Not sure the macros of a sushi roll, but every now and then shouldn't hurt. I'd take good sashimi over a roll any day though..

----------


## outofthebox

The problem with most spicy tuna rolls is the heat usually comes in the form of a spiced mayo. Now the mayo may (or may not depending on the prep) be minimal, but tuna itself is generally fatty and if you are trying to keep your macros separate, this may be counter productive.

I think spicy tuna rolls could be good if you did them yourself.
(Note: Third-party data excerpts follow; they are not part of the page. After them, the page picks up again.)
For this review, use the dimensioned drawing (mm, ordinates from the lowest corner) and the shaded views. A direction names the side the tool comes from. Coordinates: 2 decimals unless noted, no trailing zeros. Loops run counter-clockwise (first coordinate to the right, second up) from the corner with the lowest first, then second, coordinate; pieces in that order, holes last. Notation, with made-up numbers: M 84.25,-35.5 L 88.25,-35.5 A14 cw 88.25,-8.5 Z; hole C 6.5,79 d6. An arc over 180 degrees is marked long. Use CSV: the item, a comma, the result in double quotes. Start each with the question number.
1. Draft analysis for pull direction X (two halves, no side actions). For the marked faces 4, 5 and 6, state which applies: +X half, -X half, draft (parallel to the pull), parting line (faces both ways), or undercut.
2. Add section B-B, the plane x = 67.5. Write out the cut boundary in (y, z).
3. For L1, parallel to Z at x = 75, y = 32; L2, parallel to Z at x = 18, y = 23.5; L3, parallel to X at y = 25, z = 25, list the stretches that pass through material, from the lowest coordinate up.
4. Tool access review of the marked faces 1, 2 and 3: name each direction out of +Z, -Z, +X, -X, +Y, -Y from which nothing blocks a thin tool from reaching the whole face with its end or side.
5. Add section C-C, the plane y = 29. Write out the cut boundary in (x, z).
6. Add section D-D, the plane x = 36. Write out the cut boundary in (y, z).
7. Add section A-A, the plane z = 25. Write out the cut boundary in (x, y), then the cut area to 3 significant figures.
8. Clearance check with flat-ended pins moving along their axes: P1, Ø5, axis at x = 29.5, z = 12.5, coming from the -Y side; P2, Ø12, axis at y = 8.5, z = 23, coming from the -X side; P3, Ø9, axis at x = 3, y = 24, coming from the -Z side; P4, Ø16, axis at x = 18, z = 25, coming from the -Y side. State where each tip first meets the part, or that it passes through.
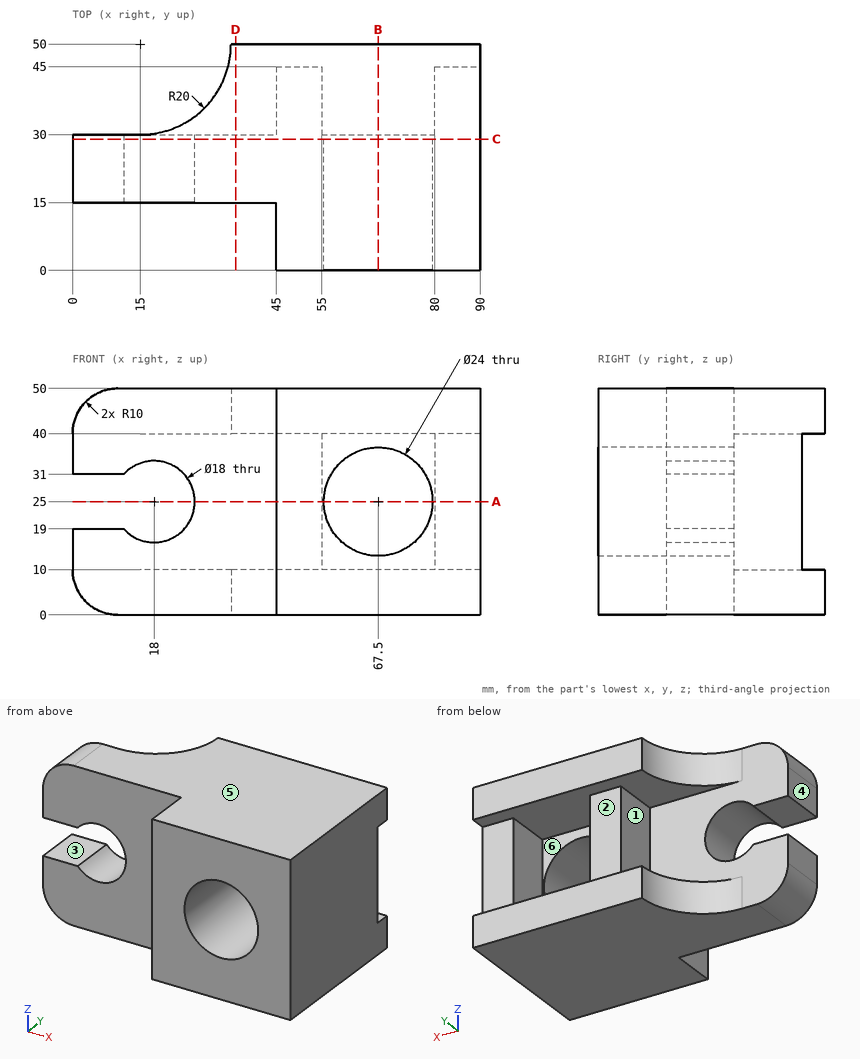
Computed:
1,face 4,"-X half"
1,face 5,"draft"
1,face 6,"undercut"
2,outline,"M 0,0 L 50,0 L 50,10 L 30,10 L 30,13 L 0,13 Z; M 0,37 L 30,37 L 30,40 L 50,40 L 50,50 L 0,50 Z"
3,L1,"z = 0 to 10, 40 to 50"
3,L2,"z = 0 to 16, 34 to 50"
3,L3,"x = 27 to 55.5, 79.5 to 90"
4,face 1,"-X, +Y"
4,face 2,"+X, -X, +Y"
4,face 3,"-X, +Y, -Y"
5,outline,"M 0,10 A10 ccw 10,0 L 90,0 L 90,50 L 10,50 A10 ccw 0,40 L 0,31 L 11.29,31 A9 cw long 11.29,19 L 0,19 Z; hole C 67.5,25 d24"
6,outline,"M 15,0 L 50,0 L 50,10 L 30,10 L 30,40 L 50,40 L 50,50 L 15,50 Z"
7,outline,"M 27,15 L 45,15 L 45,0 L 55.5,0 L 55.5,30 L 55,30 L 55,45 L 45,45 L 45,30 L 27,30 Z; M 79.5,0 L 90,0 L 90,45 L 80,45 L 80,30 L 79.5,30 Z"
7,area,"1,200 mm^2"
8,P1,"stops at y = 15"
8,P2,"stops at x = 45"
8,P3,"stops at z = 0.32"
8,P4,"passes through"

Think tuna, steamed white rice, maybe finely minced jalapeno mixed in fat free sour cream (that could simulate the spicy mayo), wraped in seaweed.

Depending on how you make your rolls, that will likely end up with 15-20g pro/2-4g fat/30-50 carb

----------


## Wingman1

what about real sushi not the rolls,,, i mean just the strip of raw fish on top of a rice ball,, or sashimi,, wich is same without the rice,,, i would think sashimi would be ok

----------


## RoadToRecovery

> tuna itself is generally fatty


Tuna is actually one of the leanest meats you can pick up. Not to mention that fat that it does contain is the most recommended. 
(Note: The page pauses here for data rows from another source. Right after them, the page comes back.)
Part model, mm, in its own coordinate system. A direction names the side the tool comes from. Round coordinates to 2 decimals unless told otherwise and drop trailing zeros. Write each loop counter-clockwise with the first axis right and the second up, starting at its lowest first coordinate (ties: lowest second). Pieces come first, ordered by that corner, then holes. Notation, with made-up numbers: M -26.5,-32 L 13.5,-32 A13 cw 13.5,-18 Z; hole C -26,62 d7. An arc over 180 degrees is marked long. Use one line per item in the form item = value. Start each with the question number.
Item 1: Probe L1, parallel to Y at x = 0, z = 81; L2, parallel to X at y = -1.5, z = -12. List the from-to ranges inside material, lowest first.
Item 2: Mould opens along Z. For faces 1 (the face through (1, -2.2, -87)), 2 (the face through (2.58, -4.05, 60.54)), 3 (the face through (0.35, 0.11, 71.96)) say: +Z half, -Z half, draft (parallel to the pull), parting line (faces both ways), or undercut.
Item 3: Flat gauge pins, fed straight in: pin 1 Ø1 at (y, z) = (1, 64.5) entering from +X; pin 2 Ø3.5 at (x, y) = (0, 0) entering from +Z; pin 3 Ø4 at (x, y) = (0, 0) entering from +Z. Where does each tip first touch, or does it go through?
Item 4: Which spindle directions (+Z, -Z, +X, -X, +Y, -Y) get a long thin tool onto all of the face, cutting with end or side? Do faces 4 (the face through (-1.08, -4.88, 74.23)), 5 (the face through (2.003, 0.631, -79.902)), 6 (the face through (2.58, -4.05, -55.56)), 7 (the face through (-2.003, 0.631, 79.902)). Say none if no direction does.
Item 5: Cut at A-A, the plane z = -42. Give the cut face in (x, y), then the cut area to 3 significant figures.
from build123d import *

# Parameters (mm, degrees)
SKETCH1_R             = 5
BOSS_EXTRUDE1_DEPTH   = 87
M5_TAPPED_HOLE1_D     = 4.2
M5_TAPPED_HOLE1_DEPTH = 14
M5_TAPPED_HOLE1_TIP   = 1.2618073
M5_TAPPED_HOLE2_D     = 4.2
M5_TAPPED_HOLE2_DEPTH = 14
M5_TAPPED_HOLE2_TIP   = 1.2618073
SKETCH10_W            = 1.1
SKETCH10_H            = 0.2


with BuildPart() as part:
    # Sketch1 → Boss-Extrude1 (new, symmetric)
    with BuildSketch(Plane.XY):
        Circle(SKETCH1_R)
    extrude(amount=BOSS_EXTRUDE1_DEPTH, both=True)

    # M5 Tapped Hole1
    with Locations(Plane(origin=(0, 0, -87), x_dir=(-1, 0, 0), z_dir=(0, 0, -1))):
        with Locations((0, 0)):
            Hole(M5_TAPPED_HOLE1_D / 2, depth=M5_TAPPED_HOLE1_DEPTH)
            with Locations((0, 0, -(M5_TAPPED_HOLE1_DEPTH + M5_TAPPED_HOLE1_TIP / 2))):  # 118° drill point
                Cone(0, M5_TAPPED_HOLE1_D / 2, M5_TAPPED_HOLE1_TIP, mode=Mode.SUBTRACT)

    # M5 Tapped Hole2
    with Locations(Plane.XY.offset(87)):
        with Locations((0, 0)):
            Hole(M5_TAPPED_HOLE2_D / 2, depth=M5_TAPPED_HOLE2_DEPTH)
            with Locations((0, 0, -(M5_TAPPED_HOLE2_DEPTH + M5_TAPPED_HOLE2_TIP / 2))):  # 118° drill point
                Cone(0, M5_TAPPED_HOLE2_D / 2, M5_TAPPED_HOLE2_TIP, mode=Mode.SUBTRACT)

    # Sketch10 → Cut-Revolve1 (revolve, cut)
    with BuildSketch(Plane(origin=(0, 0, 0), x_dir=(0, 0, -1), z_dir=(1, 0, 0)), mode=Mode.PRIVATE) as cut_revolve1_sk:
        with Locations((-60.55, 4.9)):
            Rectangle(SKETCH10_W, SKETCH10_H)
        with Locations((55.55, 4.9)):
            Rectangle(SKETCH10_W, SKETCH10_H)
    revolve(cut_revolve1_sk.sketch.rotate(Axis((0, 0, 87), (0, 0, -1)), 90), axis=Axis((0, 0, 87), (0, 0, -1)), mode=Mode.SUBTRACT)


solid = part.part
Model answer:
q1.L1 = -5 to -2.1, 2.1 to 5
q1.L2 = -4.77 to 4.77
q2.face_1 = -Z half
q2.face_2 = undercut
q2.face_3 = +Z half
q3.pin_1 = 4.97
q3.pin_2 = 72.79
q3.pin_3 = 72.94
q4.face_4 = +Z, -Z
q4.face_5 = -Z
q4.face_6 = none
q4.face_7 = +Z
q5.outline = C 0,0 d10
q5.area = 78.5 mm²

Also 1 Tuna Roll with out spicy mayo is about 20-25 calories max.

----------


## outofthebox

> Tuna is actually one of the leanest meats you can pick up. Not to mention that fat that it does contain is the most recommended. 
> 
> Also 1 Tuna Roll with out spicy mayo is about 20-25 calories max.
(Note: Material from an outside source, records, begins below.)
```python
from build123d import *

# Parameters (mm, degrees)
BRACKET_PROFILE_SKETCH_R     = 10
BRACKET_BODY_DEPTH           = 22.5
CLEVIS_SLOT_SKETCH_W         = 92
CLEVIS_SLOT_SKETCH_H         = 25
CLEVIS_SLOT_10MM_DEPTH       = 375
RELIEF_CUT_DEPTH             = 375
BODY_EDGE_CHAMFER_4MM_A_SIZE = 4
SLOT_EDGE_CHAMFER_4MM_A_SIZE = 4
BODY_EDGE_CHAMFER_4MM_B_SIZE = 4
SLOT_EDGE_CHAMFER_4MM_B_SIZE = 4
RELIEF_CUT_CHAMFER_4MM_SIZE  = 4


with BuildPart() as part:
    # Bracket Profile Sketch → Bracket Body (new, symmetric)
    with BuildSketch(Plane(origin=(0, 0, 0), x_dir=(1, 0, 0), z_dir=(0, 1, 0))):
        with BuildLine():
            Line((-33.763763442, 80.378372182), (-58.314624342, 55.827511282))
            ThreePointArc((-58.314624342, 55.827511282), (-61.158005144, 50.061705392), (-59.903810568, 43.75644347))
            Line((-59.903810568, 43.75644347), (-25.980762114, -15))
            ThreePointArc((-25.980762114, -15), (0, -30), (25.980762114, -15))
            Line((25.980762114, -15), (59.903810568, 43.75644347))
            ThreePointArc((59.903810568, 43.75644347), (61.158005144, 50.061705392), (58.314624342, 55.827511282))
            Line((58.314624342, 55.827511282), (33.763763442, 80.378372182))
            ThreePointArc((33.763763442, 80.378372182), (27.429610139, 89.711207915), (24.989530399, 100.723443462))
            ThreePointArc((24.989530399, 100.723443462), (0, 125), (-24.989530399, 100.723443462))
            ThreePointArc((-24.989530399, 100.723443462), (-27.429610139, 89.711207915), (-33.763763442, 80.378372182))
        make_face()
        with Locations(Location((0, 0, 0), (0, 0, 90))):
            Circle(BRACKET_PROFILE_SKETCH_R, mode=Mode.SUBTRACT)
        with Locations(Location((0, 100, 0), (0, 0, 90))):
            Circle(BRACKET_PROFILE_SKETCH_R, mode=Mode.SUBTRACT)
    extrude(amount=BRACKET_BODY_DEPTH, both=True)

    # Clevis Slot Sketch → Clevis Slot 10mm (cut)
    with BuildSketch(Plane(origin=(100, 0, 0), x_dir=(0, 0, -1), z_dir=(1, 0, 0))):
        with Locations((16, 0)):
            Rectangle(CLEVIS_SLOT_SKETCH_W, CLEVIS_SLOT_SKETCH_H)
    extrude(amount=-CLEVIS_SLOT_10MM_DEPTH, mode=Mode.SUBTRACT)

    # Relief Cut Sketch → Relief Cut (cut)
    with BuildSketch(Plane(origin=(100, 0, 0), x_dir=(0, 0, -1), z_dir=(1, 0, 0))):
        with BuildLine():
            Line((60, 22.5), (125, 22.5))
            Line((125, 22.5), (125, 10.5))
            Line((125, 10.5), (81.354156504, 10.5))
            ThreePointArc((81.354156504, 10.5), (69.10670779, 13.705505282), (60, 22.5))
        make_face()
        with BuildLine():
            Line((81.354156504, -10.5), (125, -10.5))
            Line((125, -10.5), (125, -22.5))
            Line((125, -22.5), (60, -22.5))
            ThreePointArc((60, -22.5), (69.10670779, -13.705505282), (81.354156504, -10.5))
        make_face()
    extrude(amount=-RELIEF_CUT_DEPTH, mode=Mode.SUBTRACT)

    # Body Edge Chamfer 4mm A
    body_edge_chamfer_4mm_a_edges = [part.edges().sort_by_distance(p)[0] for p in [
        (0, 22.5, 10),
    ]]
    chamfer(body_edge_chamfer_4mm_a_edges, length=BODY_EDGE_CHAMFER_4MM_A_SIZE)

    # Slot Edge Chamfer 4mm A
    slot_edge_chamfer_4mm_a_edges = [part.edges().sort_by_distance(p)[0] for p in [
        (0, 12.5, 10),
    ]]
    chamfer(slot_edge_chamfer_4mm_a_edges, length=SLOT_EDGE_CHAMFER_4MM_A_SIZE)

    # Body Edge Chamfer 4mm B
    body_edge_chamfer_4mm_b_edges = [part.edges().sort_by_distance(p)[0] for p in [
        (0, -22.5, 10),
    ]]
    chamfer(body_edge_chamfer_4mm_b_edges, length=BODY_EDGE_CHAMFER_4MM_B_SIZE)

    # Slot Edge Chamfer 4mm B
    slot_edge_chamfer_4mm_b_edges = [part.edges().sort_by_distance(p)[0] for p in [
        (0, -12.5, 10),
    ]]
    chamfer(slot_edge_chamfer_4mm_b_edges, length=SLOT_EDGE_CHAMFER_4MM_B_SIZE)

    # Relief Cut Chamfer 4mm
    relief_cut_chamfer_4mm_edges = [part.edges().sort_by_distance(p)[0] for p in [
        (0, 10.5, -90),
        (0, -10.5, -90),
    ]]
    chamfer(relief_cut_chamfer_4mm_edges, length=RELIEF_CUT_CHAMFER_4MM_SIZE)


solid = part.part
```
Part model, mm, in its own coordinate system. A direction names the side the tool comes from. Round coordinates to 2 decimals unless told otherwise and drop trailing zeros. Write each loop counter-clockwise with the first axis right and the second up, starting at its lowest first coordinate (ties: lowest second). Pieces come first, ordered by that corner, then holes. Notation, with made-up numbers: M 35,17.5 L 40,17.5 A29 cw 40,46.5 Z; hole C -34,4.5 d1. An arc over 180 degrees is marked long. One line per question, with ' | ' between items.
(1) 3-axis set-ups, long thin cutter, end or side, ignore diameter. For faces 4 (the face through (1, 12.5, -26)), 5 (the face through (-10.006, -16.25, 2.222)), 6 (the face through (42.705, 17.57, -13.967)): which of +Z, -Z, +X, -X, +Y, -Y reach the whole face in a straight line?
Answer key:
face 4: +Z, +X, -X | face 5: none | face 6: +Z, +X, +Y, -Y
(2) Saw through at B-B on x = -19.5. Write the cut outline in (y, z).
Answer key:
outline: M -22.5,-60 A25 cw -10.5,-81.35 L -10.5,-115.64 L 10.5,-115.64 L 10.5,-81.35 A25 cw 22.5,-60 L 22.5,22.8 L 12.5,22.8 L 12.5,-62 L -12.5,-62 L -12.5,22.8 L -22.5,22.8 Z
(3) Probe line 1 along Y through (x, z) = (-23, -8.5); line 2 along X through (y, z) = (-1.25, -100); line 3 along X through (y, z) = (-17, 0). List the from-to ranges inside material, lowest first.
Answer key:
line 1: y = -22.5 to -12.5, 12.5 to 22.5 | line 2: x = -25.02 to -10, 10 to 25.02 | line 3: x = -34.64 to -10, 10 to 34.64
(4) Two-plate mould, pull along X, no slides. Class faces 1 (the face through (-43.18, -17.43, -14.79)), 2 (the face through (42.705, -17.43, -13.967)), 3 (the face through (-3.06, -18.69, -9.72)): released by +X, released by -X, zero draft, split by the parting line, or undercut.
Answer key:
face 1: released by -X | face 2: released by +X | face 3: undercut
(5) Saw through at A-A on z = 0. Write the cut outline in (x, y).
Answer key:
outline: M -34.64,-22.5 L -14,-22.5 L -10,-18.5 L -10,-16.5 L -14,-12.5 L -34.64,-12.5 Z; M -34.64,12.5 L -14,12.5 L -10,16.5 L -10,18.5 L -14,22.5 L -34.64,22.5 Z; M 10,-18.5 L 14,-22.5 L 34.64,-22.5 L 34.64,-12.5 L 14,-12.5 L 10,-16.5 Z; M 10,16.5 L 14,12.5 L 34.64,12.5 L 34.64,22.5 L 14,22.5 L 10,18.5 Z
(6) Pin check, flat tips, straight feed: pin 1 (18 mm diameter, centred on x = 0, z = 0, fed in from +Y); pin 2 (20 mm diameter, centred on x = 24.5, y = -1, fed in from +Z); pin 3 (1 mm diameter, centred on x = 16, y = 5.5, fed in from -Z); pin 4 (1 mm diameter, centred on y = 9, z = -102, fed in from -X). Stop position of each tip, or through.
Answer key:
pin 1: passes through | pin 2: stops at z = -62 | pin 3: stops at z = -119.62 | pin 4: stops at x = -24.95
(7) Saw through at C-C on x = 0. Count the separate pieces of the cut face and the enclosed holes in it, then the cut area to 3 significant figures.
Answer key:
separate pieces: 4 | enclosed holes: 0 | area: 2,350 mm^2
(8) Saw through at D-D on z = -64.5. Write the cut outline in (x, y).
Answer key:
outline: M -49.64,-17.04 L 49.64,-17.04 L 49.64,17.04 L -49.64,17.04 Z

What you are interpreting as a roll vs what I understand a roll has got to be significantly different. A roll would be 6-8inches long and be made up of all 6 or 8 individual pieces. Also, the type of tuna you may be making your decision on is likely not 'sushi' grade. Good tuna for making sushi comes from the fattiest part of the fish, the under belly. A good site for references for what I would consider for cuts of meat with sushi.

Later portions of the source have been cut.